Außerdem ist man schneller mit den Sicherheitsupdates als bei SuSE....

Nicht falsch verstehen: SuSE ist eine spitzenmäßige Distri...

~WonGak~


----------



## BenFish (21. März 2003)

Wenn man zu sowas in der Lage ist, ist es ja schön und gut.
Perfekt wäre ein PHP 4.3.1 RPM mit GD2 an Board, oder alternativ nur die GD2 als RPM.
Gibt es diese Pakete?


Sorry, wie gesagt, ich würde mich gern mehr mit Linux befassen, aber mir fehlt echt die Zeit.


----------



## won_gak (21. März 2003)

guck mal auf http://php3.de (deutschland mirror php.net)
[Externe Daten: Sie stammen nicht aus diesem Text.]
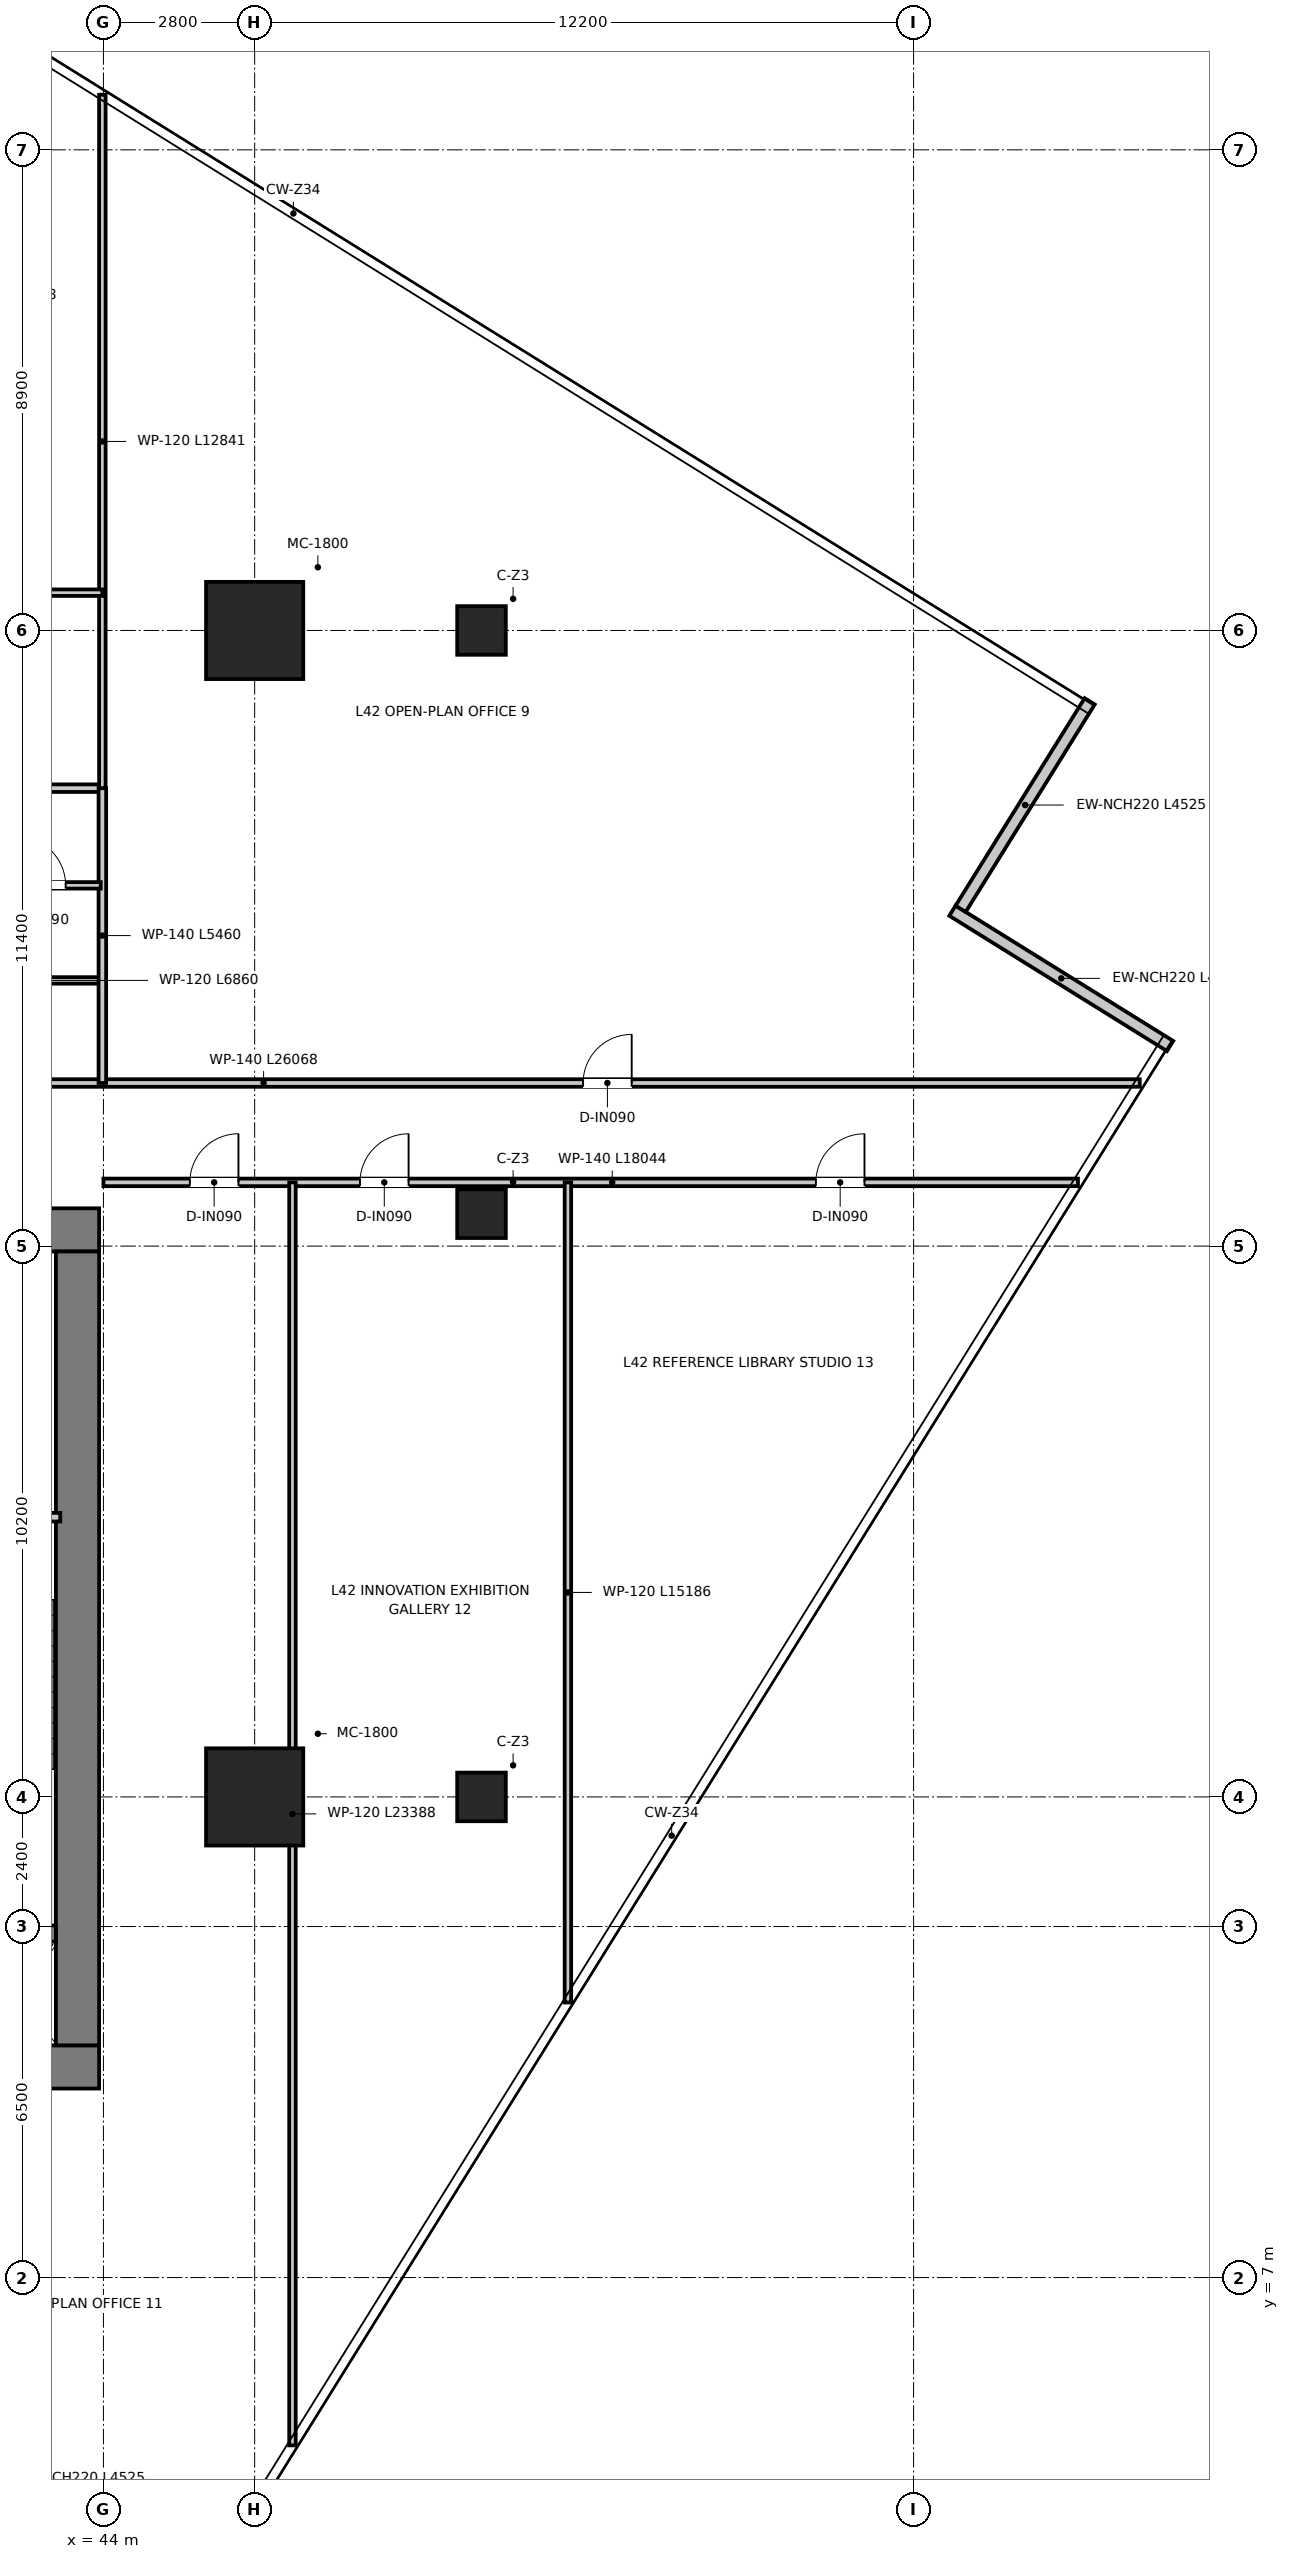
"""IFC4 building model, lengths in metres.
Left out: names, types, materials, properties, quantities, classifications, styles, units other than length and angle.
Written with IfcOpenShell. Run it as: python <this file> out.ifc"""

import sys

from ifc_helpers import new_model, si_unit, direction, frame, frame_2d, origin, origin_2d, place, context, subcontext, project, spatial, rectangle, extrude, source, transform, mapped, element, fill, save


model = new_model("IFC4")
c1 = context("Model", 3, precision=1e-05, world=origin(), true_north=direction((0.0, 1.0)))
c2 = subcontext(c1, "Body", "Model", "MODEL_VIEW")
j1 = project(units=[si_unit("LENGTHUNIT", "METRE"), si_unit("PLANEANGLEUNIT", "RADIAN")], contexts=[c1])
p1 = place(None, origin())
s1 = spatial("IfcSite", under=j1, at=p1, CompositionType="ELEMENT")
p2 = place(p1, origin())
s2 = spatial("IfcBuilding", under=s1, at=p2, CompositionType="ELEMENT")
p3 = place(p2, frame((0.0, 0.0, 173.85)))
s3 = spatial("IfcBuildingStorey", under=s2, at=p3, CompositionType="ELEMENT", Elevation=173.85)
p4 = place(p3, frame((28.08, 10.9, 0.0), z_axis=(0.0, 0.0, 1.0), x_axis=(1.0, 0.0, 0.0)))
e1 = element("IfcWall", 1, at=p4, inside=s3, PredefinedType="SHEAR", context=c2, shape_type="SweptSolid", body=[
    extrude(rectangle(XDim=15.84, YDim=0.8, at=frame_2d((7.92, 0.0))), origin(), (0.0, 0.0, 1.0), 3.95),
])
p5 = place(p3, frame((28.08, 26.4, 0.0), z_axis=(0.0, 0.0, 1.0), x_axis=(1.0, 0.0, 0.0)))
e2 = element("IfcWall", 2, at=p5, inside=s3, PredefinedType="SHEAR", context=c2, shape_type="SweptSolid", body=[
    extrude(rectangle(XDim=15.84, YDim=0.8, at=frame_2d((7.92, 0.0))), origin(), (0.0, 0.0, 1.0), 3.95),
])
p6 = place(p5, frame((7.22, 0.0, 0.0)))
e3 = element("IfcOpeningElement", 3, at=p6, cuts=e2, PredefinedType="OPENING", context=c2, shape_type="SweptSolid", body=[
    extrude(rectangle(XDim=1.4, YDim=2.2, at=frame_2d((0.7, 1.1))), frame((0.0, 0.41, 0.0), z_axis=(0.0, -1.0, 0.0), x_axis=(1.0, 0.0, 0.0)), (0.0, 0.0, 1.0), 0.82),
])
p7 = place(p5, frame((1.775, 0.0, 0.0)))
e4 = element("IfcOpeningElement", 4, at=p7, cuts=e2, PredefinedType="OPENING", context=c2, shape_type="SweptSolid", body=[
    extrude(rectangle(XDim=1.05, YDim=2.1, at=frame_2d((0.525, 1.05))), frame((0.0, 0.41, 0.0), z_axis=(0.0, -1.0, 0.0), x_axis=(1.0, 0.0, 0.0)), (0.0, 0.0, 1.0), 0.82),
])
p8 = place(p5, frame((13.015, 0.0, 0.0)))
e5 = element("IfcOpeningElement", 5, at=p8, cuts=e2, PredefinedType="OPENING", context=c2, shape_type="SweptSolid", body=[
    extrude(rectangle(XDim=1.05, YDim=2.1, at=frame_2d((0.525, 1.05))), frame((0.0, 0.41, 0.0), z_axis=(0.0, -1.0, 0.0), x_axis=(1.0, 0.0, 0.0)), (0.0, 0.0, 1.0), 0.82),
])
p9 = place(p3, frame((43.52, 11.3, 0.0), z_axis=(0.0, 0.0, 1.0), x_axis=(0.0, 1.0, 0.0)))
e6 = element("IfcWall", 6, at=p9, inside=s3, PredefinedType="SHEAR", context=c2, shape_type="SweptSolid", body=[
    extrude(rectangle(XDim=14.7, YDim=0.8, at=frame_2d((7.35, 0.0))), origin(), (0.0, 0.0, 1.0), 3.95),
])
p10 = place(p3, frame((40.02, 13.37, 0.0), z_axis=(0.0, 0.0, 1.0), x_axis=(1.0, 0.0, 0.0)))
e7 = element("IfcWall", 7, at=p10, inside=s3, PredefinedType="SHEAR", context=c2, shape_type="SweptSolid", body=[
    extrude(rectangle(XDim=3.1, YDim=0.3, at=frame_2d((1.55, 0.0))), origin(), (0.0, 0.0, 1.0), 3.95),
])
m1 = source(origin(), c2, "Body", "SweptSolid", [
    extrude(rectangle(XDim=1.8, YDim=1.8, at=origin_2d()), origin(), (0.0, 0.0, 1.0), 3.95),
])
for number, where, z_axis, x_axis in (
    (8, (46.8, 15.9, 0.0), (0.0, 0.0, 1.0), (1.0, 0.0, 0.0)),
    (9, (46.8, 37.5, 0.0), (0.0, 0.0, 1.0), (1.0, 0.0, 0.0)),
):
    element("IfcColumn", number, at=place(p3, frame(where, z_axis=z_axis, x_axis=x_axis)), inside=s3, PredefinedType="USERDEFINED", context=c2, shape_type="MappedRepresentation", body=[
        mapped(m1, transform((0.0, 0.0, 0.0), x_axis=(1.0, 0.0, 0.0), y_axis=(0.0, 1.0, 0.0), z_axis=(0.0, 0.0, 1.0), scale=1.0)),
    ])
m2 = source(origin(), c2, "Body", "SweptSolid", [
    extrude(rectangle(XDim=0.9, YDim=0.9, at=origin_2d()), origin(), (0.0, 0.0, 1.0), 3.95),
])
for number, where, z_axis, x_axis in (
    (10, (51.0, 37.5, 0.0), (0.0, 0.0, 1.0), (1.0, 0.0, 0.0)),
    (11, (51.0, 26.7, 0.0), (0.0, 0.0, 1.0), (1.0, 0.0, 0.0)),
    (12, (51.0, 15.9, 0.0), (0.0, 0.0, 1.0), (1.0, 0.0, 0.0)),
):
    element("IfcColumn", number, at=place(p3, frame(where, z_axis=z_axis, x_axis=x_axis)), inside=s3, PredefinedType="COLUMN", context=c2, shape_type="MappedRepresentation", body=[
        mapped(m2, transform((0.0, 0.0, 0.0), x_axis=(1.0, 0.0, 0.0), y_axis=(0.0, 1.0, 0.0), z_axis=(0.0, 0.0, 1.0), scale=1.0)),
    ])
p11 = place(p3, frame((63.749, 29.805, 0.0), z_axis=(0.0, 0.0, 1.0), x_axis=(-0.84921299194, 0.528050465694, 0.0)))
e13 = element("IfcWall", 13, at=p11, inside=s3, PredefinedType="ELEMENTEDWALL", context=c2, shape_type="SweptSolid", body=[
    extrude(rectangle(XDim=4.745, YDim=0.22, at=frame_2d((2.373, 0.0))), origin(), (0.0, 0.0, 1.0), 3.67),
])
p12 = place(p3, frame((59.871, 32.346, 0.0), z_axis=(0.0, 0.0, 1.0), x_axis=(0.528062437074, 0.849205547881, 0.0)))
e14 = element("IfcWall", 14, at=p12, inside=s3, PredefinedType="ELEMENTEDWALL", context=c2, shape_type="SweptSolid", body=[
    extrude(rectangle(XDim=4.525, YDim=0.22, at=frame_2d((2.262, 0.0))), origin(), (0.0, 0.0, 1.0), 3.67),
])
p13 = place(p3, frame((40.04, 21.08, 0.0), z_axis=(0.0, 0.0, 1.0), x_axis=(1.0, 0.0, 0.0)))
e15 = element("IfcWall", 15, at=p13, inside=s3, PredefinedType="PARTITIONING", context=c2, shape_type="SweptSolid", body=[
    extrude(rectangle(XDim=3.16, YDim=0.16, at=frame_2d((1.58, 0.0))), origin(), (0.0, 0.0, 1.0), 3.67),
])
p14 = place(p13, frame((1.055, 0.0, 0.0)))
e16 = element("IfcOpeningElement", 16, at=p14, cuts=e15, PredefinedType="OPENING", context=c2, shape_type="SweptSolid", body=[
    extrude(rectangle(XDim=1.05, YDim=2.1, at=frame_2d((0.525, 1.05))), frame((0.0, 0.09, 0.0), z_axis=(0.0, -1.0, 0.0), x_axis=(1.0, 0.0, 0.0)), (0.0, 0.0, 1.0), 0.18),
])
p15 = place(p3, frame((37.12, 29.12, 0.0), z_axis=(0.0, 0.0, 1.0), x_axis=(1.0, 0.0, 0.0)))
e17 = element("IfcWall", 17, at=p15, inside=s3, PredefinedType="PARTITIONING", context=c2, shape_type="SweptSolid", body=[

vielleicht findest du auch rpms...

aber mal allgemein: ein wenig zeit für linux sollte man sich schon nehmen...


~WonGak~


----------



## Kaneda (5. März 2004)

mich würde das auch mal interessieren wie man die GD2 Bibliothek in PHP4.2.2 integriert

Detaliert: http://www.tutorials.de/tutorials148766.html


----------



## Tim C. (5. März 2004)

> _Original geschrieben von Kaneda _
> *mich würde das auch mal interessieren wie man die GD2 Bibliothek in PHP4.2.2 integriert
> 
> Detaliert: http://www.tutorials.de/tutorials148766.html *


Warum nimmst du nicht die aktuelle Stable Version 4.3.4? Seit geraumer Zeit ist die GD-Lib nämlich "ab Werk" in PHP "integriert".


----------



## Kaneda (5. März 2004)

Weil SuSe sch.... ist. Es gibt keine rpm für 8.1 die mir eine php 4.3.x installiert
selber versuchen php zu installieren....... .......dat kann ich mit meinen linux kenntnissen vergessen

Gibt es den hier wirklich niemanden der schonmal libgd2.so selber kompiliert hat?


----------



## Arne Buchwald (5. März 2004)

Ist es denn soooo schwer, Google zu bedienen oder mal eine der unendlichen Dokumentationen zu lesen


----------